Griffin handles this, I believe, by concretizing the VIP at the beginning of each lifted basic block with the address of the original basic block then applying the delta as explained here to get the address:
Griffin support's SEH; to understand how, let's start considering a random function that has try/except block:
int mHandler() {
...
return EXCEPTION_EXECUTE_HANDLER
}
void mFunc() {
...
__try {
...
} __except(mHandler()) {
...
}
return;
}To safely protect this function, Griffin's has to take care of two problems:
- The function table needs to be rebuilt because Griffin will need new
RUNTIME_FUNCTIONentries for the virtualized mFunc, basic block functions, stubs, etc. - The instructions on the virtualized function no longer executes within a single function boundary; they are now scattered across multiple basic-block functions and stubs.
For the first problem, Griffin will indeed rebuilt the function table with all the new entries and write it to the newly created section. The EXCEPTION_DIRECTORY entry on Data Directory is changed to point to the new function table address.
For the second problem, Griffin will create a function that I'll call mVirtualizedFunc. This function has the same prologue as the original and contains sequences of instructions in its body that I refer to as ‘gates’:
mVirtualizedFunc:
{{ PROLOGUE }}
...
call vm_enter_gate
jmp rax
...
call try_block_0_gate
jmp rax
...
call except_block_0_gate
jmp rax
...Whenever Griffin is about to enter the scope of a try block, for example, it will jump to its corresponding gate. The gate then transfers control to the first basic-block function or stub of the try block. To exit from the scope, Griffin will write the next location to rax, push the return address and ret. In the image below, we can see a scope enter, exit and the subsequent entry into another one:
So, how this solves our problem?
First, both the basic-block functions and the stubs have an additional UWOP_ALLOC_LARGE entry in their UnwindInfo structure, on top of the normal compiler-emitted unwind data.
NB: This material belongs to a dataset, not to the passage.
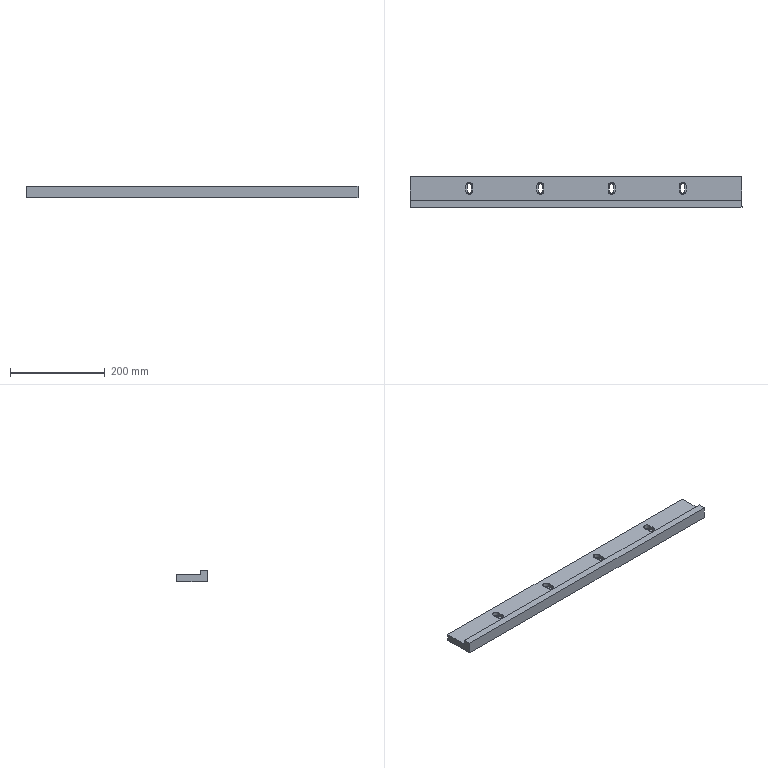Component | SolidWorks | LongSideFrameSupportB-1 | 1 solid | 52 faces | volume 771295 mm3 | plane 28 | cylinder 24 | commonest cylinder face diameters 15 x12 9 x12 | material Q235-A

This UWOP_ALLOC_LARGE entry is responsible for adjusting RSP to skip over the Context during stack unwinding.
Furthermore, if you pay attention, you’ll notice that Griffin overwrites the return address immediately after entering the try-block gate, using pop qword ptr [rsp+238h]. So, if a exception occour, the stack will unwind back to the return address and the RIP will end up on the jmp rax instruction, right after the try-block gate call. At this point, Griffin was already careful enough to emit a C_SCOPE_TABLE that encapsulates the try block-gate and that have the Handler field pointing to mHandler RVA.
After the handler execution, in this particular case, since it returns EXCEPTION_EXECUTE_HANDLER, execution will be dispatched to the except_block_0_gate call therefore entering the exception-block scope.